- Location: Beirut
- Address: W Building, Rue Mar Geries, Hadeth, Baabda District, Mount Lebanon Governorate
- Coordinates: 33°50′34.2″N 35°32′03.9″E﻿ / ﻿33.842833°N 35.534417°E
- Ambassador: Raymond R. Balatbat
- Website: http://beirutpe.dfa.gov.ph

= Embassy of the Philippines, Beirut =

Diplomatic mission in Lebanon

The Embassy of the Philippines in Beirut is the diplomatic mission of the Republic of the Philippines to the Republic of Lebanon. Opened in 1996, it is currently located at the W Building on Rue Mar Geries in the southern Beirut suburb of Hadeth, part of the Baabda District in the Mount Lebanon Governorate.

==History==
Although the Philippines and Lebanon established diplomatic relations in 1946, the Philippines did not establish an embassy in Lebanon until November 1996, with Fortunato Oblena becoming the country's first resident ambassador. Prior to the establishment of the embassy, the Philippines conducted diplomatic relations with Lebanon through an honorary consulate in Beirut which, at various points in its history, was accredited to the Philippine Embassy in Cairo, and subsequently the Philippine Embassy in Amman.

Initially located at Raouché in Ras Beirut, the embassy moved to a larger space in Achrafieh in 2006, enabling it to consolidate consular and labor functions under one roof. In 2012, it moved to its current location outside the city: a new building which also enables it to host larger events.

Between 1996 and 2008, the embassy also exercised jurisdiction over Syria, until a separate embassy was established in Damascus which formally opened on April 17, 2009.

==Staff and activities==
The Philippine Embassy in Beirut is headed by Ambassador Raymond R. Balatbat, who was appointed to the position by President Rodrigo Duterte on December 3, 2020. Prior to his current post, Balatbat, a career diplomat who has served with the Philippine foreign service since 1997, served as the Executive Director of the Office of Middle East and Africa Affairs at the Department of Foreign Affairs (DFA), and prior to that served at Philippine diplomatic missions throughout the Islamic world, including at the embassies in Bandar Seri Begawan and Jakarta. His appointment was confirmed by the Commission on Appointments on December 16, 2020, and he presented his credentials to President Michel Aoun on June 9, 2021.

A notable diplomat who served at the embassy was Bernardita Catalla, who served as ambassador between 2018 and 2020. Known for championing the welfare of Overseas Filipino Workers (OFWs) throughout her career, Catalla died while in office on April 2, 2020 due to COVID-19 amidst a pandemic of the disease.

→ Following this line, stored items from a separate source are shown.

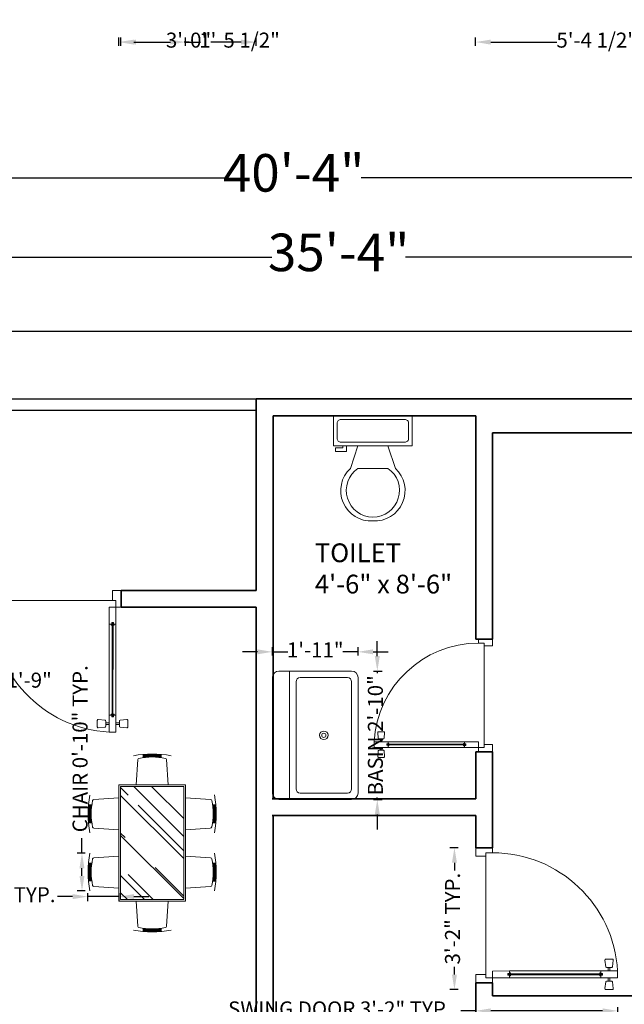
# Model space of a CAD drawing. Units: inches. Extents: x -638 to 186, y -762 to 59.
# Tile 21 of 31: x -287 to -125, y -203 to 59. Entities that reach past the tile are written whole.
import ezdxf

# ---------------------------------------------------------------- set-up
doc = ezdxf.new("R2010")
doc.units = ezdxf.units.IN
for name, color, linetype, lineweight in [('A-ANNO-DIMS', 2, 'Continuous', 18), ('A-AREA-IDEN', 1, 'Continuous', 18), ('A-DOOR', 3, 'Continuous', 18), ('A-FLOR-EDGE', 1, 'Continuous', 25), ('A-FLOR-FIXT', 9, 'Continuous', 18), ('A-FURN-PATT', 8, 'Continuous', 9), ('C-PROP', 7, 'Continuous', 25), ('furn', 8, 'Continuous', 13), ('wall', 7, 'Continuous', 35)]:
    doc.layers.add(name, color=color, linetype=linetype, lineweight=lineweight)
doc.styles.get("Standard").update_dxf_attribs({"font": 'arial.ttf'})
doc.dimstyles.new('ISO-25', dxfattribs={"dimtxt": 4, "dimasz": 4, "dimexe": 1.25, "dimexo": 0.625, "dimtad": 0, "dimlunit": 4, "dimtxsty": 'Standard', "dimcen": 2.5, "dimclrt": 256, "dimadec": 0, "dimazin": 0, "dimtfac": 1, "dimtmove": 0, "dimatfit": 3, "dimfxl": 1, "dimfxlon": 1, "dimarcsym": 0})

# ---------------------------------------------------------------- blocks, each defined once
blk = doc.blocks.new('*U4')
for p, q in [((9.5, -6), (9.5, -2)), ((-10, -8.5), (-8, -8.5)), ((-10, -9.5), (-10, -8.5)), ((-7, -9.5), (-10, -9.5)), ((-8, -8.5), (-8, -8)), ((-7, -8), (-7, -9.5)), ((-4, -8), (-6, -14)), ((4, -8), (6, -14)), ((4, -14), (-4, -14))]:
    blk.add_line(p, q)
blk.add_lwpolyline([(10.5, -8), (10.5, 0), (-10.5, 0), (-10.5, -8)], close=True)
for points in [[(-9.5, -2), (-9.5, -6)], [(8.5, -1), (-8.5, -1)], [(-8.5, -7), (8.5, -7)]]:
    blk.add_lwpolyline(points)
for centre, radius, start, end in [((-8.625, -1.875), 0.8839, 81.8699, 188.1301), ((8.625, -1.875), 0.8839, 351.8699, 98.1301), ((-8.625, -6.125), 0.8839, 171.869898, 278.1301), ((8.625, -6.125), 0.8839, 261.8699, 8.1301), ((-0.4772, -19.9188), 8.0953, 133.01722, 273.38), ((0.0374, -19.8731), 7.127, 124.50543, 269.7), ((-0.0373, -19.8731), 7.127, 270.3, 55.4946), ((0.4773, -19.9188), 8.0953, 266.62, 46.9828)]:
    blk.add_arc(centre, radius, start, end)
blk = doc.blocks.new('Sink-single - 30 in top')
blk.add_line((-15, -3.999996), (15, -3.999996))
for points in [[(-13.5, 0), (13.5, 0)], [(-15, -18.499996), (-15, -1.5)], [(15, -1.5), (15, -18.499996)], [(-13.5, -17.499996), (-13.5, -6.499996)], [(-12.5, -5.499996), (12.5, -5.499996)], [(13.5, -6.499996), (13.5, -17.499996)], [(13.5, -19.999996), (-13.5, -19.999996)], [(12.5, -18.499996), (-12.5, -18.499996)]]:
    blk.add_lwpolyline(points)
for radius in [1, 0.5]:
    blk.add_circle((0, -11.999996), radius)
for centre, radius, start, end in [((-13.5, -1.5), 1.5, 90, 180), ((13.5, -1.5), 1.5, 0, 90), ((-12.5, -6.499996), 1, 90, 180), ((12.5, -6.499996), 1, 0, 90), ((-12.5, -17.499996), 1, 180, 270), ((12.5, -17.499996), 1, 270, 0), ((-13.5, -18.499996), 1.5, 180, 270), ((13.5, -18.499996), 1.5, 270, 0)]:
    blk.add_arc(centre, radius, start, end)
blk = doc.blocks.new('*D9')
at = {"layer": 'A-ANNO-DIMS', "color": 0, "lineweight": -2, "transparency": 16777216}
for p, q in [((-413.53, -5.3), (-413.53, -3.05)), ((-403.53, -4.3), (-219.32, -4.3)), ((0.47, -4.3), (-183.73, -4.3)), ((10.47, -5.3), (10.47, -3.05))]:
    blk.add_line(p, q, dxfattribs=at)
at = {"layer": 'A-ANNO-DIMS', "color": 0, "lineweight": 30, "transparency": 16777216}
for points in [[(-403.53, -2.64), (-403.53, -5.97), (-413.53, -4.3)], [(0.47, -2.64), (0.47, -5.97), (10.47, -4.3)]]:
    blk.add_solid(points, dxfattribs=at)
at = {"layer": 'Defpoints', "color": 0, "lineweight": 30, "transparency": 16777216}
for p in [(10.47, -4.3), (-413.53, -42.03), (10.47, -42.03)]:
    blk.add_point(p, dxfattribs=at)
at = {"layer": 'A-ANNO-DIMS', "color": 0, "transparency": 16777216, "insert": (-201.53, -4.3), "char_height": 10, "attachment_point": 5}
blk.add_mtext('35\'-4"', dxfattribs=at)
blk = doc.blocks.new('*D11')
at = {"layer": 'A-ANNO-DIMS', "color": 0, "lineweight": -2, "transparency": 16777216}
for p, q in [((-455.53, 15.89), (-455.53, 18.14)), ((-445.53, 16.89), (-231.53, 16.89)), ((18.47, 16.89), (-195.52, 16.89)), ((28.47, 15.89), (28.47, 18.14))]:
    blk.add_line(p, q, dxfattribs=at)
at = {"layer": 'A-ANNO-DIMS', "color": 0, "lineweight": 30, "transparency": 16777216}
for points in [[(-445.53, 18.56), (-445.53, 15.23), (-455.53, 16.89)], [(18.47, 18.56), (18.47, 15.23), (28.47, 16.89)]]:
    blk.add_solid(points, dxfattribs=at)
at = {"layer": 'Defpoints', "color": 0, "lineweight": 30, "transparency": 16777216}
for p in [(28.47, 16.89), (-455.53, -42.03), (28.47, -42.03)]:
    blk.add_point(p, dxfattribs=at)
at = {"layer": 'A-ANNO-DIMS', "color": 0, "transparency": 16777216, "insert": (-213.53, 16.89), "char_height": 10, "attachment_point": 5}
blk.add_mtext('40\'-4"', dxfattribs=at)
blk = doc.blocks.new('DOOR-SWING-36IN')
for p, q in [((35.54, 35.1), (4.05, 35.09)), ((3.95, 4.05), (3.94, 29.24)), ((4.06, 4.05), (4.06, 29.24)), ((4.18, 4.05), (4.17, 29.24)), ((3.16, 4.5), (3.16, 28.79)), ((4.96, 4.5), (4.96, 28.79))]:
    blk.add_line(p, q)
for points in [[(3.16, 33.29), (3.15, 35.09), (4.05, 35.09), (4.05, 37.78), (1.8, 37.78), (1.81, 33.29), (3.16, 33.29)], [(36.44, 33.3), (36.44, 35.1), (35.54, 35.1), (35.54, 37.79), (37.79, 37.8), (37.79, 33.3), (36.44, 33.3)], [(4.28, 28.79), (4.96, 28.79), (4.95, 33.29), (3.16, 33.29), (3.16, 28.79), (3.83, 28.79), (3.83, 29.24), (4.28, 29.24), (4.28, 28.79)], [(4.29, 4.5), (4.96, 4.5), (4.96, 0), (3.17, 0), (3.16, 4.5), (3.84, 4.5), (3.84, 4.05), (4.29, 4.05), (4.29, 4.5)]]:
    blk.add_lwpolyline(points)
for points in [[(2.05, 3.17), (0.25, 3.35, 0.443716), (0, 3.12), (0, 1.37, 0.443716), (0.25, 1.15), (2.05, 1.33, 0.385314), (2.25, 1.55), (2.25, 2.94, 0.385314)], [(6.08, 3.17), (7.88, 3.35, -0.443716), (8.13, 3.13), (8.13, 1.37, -0.443716), (7.88, 1.15), (6.08, 1.33, -0.385314), (5.88, 1.55), (5.88, 2.95, -0.385314)]]:
    blk.add_lwpolyline(points, format="xyb", close=True)
for points in [[(3.16, 2.47), (2.25, 2.47), (2.25, 2.02), (3.17, 2.02)], [(4.96, 2.47), (5.88, 2.47), (5.88, 2.03), (4.96, 2.02)]]:
    blk.add_lwpolyline(points, close=True)
for centre, radius, start, end in [((3.06, 33.32), 33.38, 273.2653, 359.953), ((3.92, 28.83), 0.371, 186.4522, 273.3078), ((4.19, 28.83), 0.371, 266.7282, 353.5838), ((3.93, 4.46), 0.371, 86.7282, 173.5838), ((4.2, 4.46), 0.371, 6.4522, 93.3078)]:
    blk.add_arc(centre, radius, start, end)
blk = doc.blocks.new('DOOR-SWING-30IN')
for p, q in [((29.62, 29.25), (3.38, 29.24)), ((2.64, 3.75), (2.63, 23.99)), ((3.29, 3.37), (3.29, 24.37)), ((3.39, 3.37), (3.38, 24.37)), ((3.48, 3.37), (3.47, 24.37)), ((4.14, 3.75), (4.13, 23.99))]:
    blk.add_line(p, q)
for points in [[(2.63, 27.74), (2.63, 29.24), (3.38, 29.24), (3.38, 31.49), (1.5, 31.49), (1.51, 27.74), (2.63, 27.74)], [(30.37, 27.75), (30.37, 29.25), (29.62, 29.25), (29.62, 31.5), (31.5, 31.5), (31.5, 27.75), (30.37, 27.75)], [(3.57, 23.99), (4.13, 23.99), (4.13, 27.74), (2.63, 27.74), (2.63, 23.99), (3.19, 23.99), (3.19, 24.37), (3.57, 24.37), (3.57, 23.99)], [(3.57, 3.75), (4.14, 3.75), (4.14, 0), (2.64, 0), (2.64, 3.75), (3.2, 3.75), (3.2, 3.37), (3.57, 3.37), (3.57, 3.75)]]:
    blk.add_lwpolyline(points)
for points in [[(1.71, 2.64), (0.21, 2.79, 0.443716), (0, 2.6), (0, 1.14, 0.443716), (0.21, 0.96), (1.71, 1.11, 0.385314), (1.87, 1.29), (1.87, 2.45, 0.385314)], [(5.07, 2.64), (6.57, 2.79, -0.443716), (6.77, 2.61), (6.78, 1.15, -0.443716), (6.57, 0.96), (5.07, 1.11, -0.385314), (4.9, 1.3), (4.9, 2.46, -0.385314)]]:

The embassy's activities center around providing to the many OFWs in Lebanon, which began on November 7, 2000 with the opening of a Filipino Workers’ Resource Center to help provide legal aid to OFWs in the country. The treatment of OFWs in Lebanon is a regular point of contention for the embassy and for the DFA in general: in 2005, it protested a raid in Beirut conducted by the Lebanese government against OFWs despite them being legally documented, while in 2011, it went so far as to encourage people to not go to the country for work. In 2017, in one of Catalla's first acts as ambassador, the registration of Filipinos in Lebanon was swiftly resumed after it was discovered that the embassy had not been keeping track of how many Filipinos were in the country — by the following year, more than 12,000 OFWs were registered and given registration cards. The embassy has also facilitated the repatriation of Filipinos affected by war and other conflicts in Lebanon, which it did in 2006, and in 2019, which Catalla personally led. This has also extended to facilitating the evacuation of Filipinos from Syria as a result of that country's civil war.

The embassy also engages in promoting Filipino culture in Lebanon, as well as promoting cultural links and exchanges between the two countries. These include hosting a screening of the 2002 film Kailangan Kita in 2013, organizing Lebanon's first-ever exhibition of Filipino art — primarily the works of Marvin Baldemor, son of Manuel Baldemor — the following year, and presenting the Filipino translation of The Prophet by Kahlil Gibran, prepared by Ruth Elynia Mabanglo, to his eponymous museum in 2018.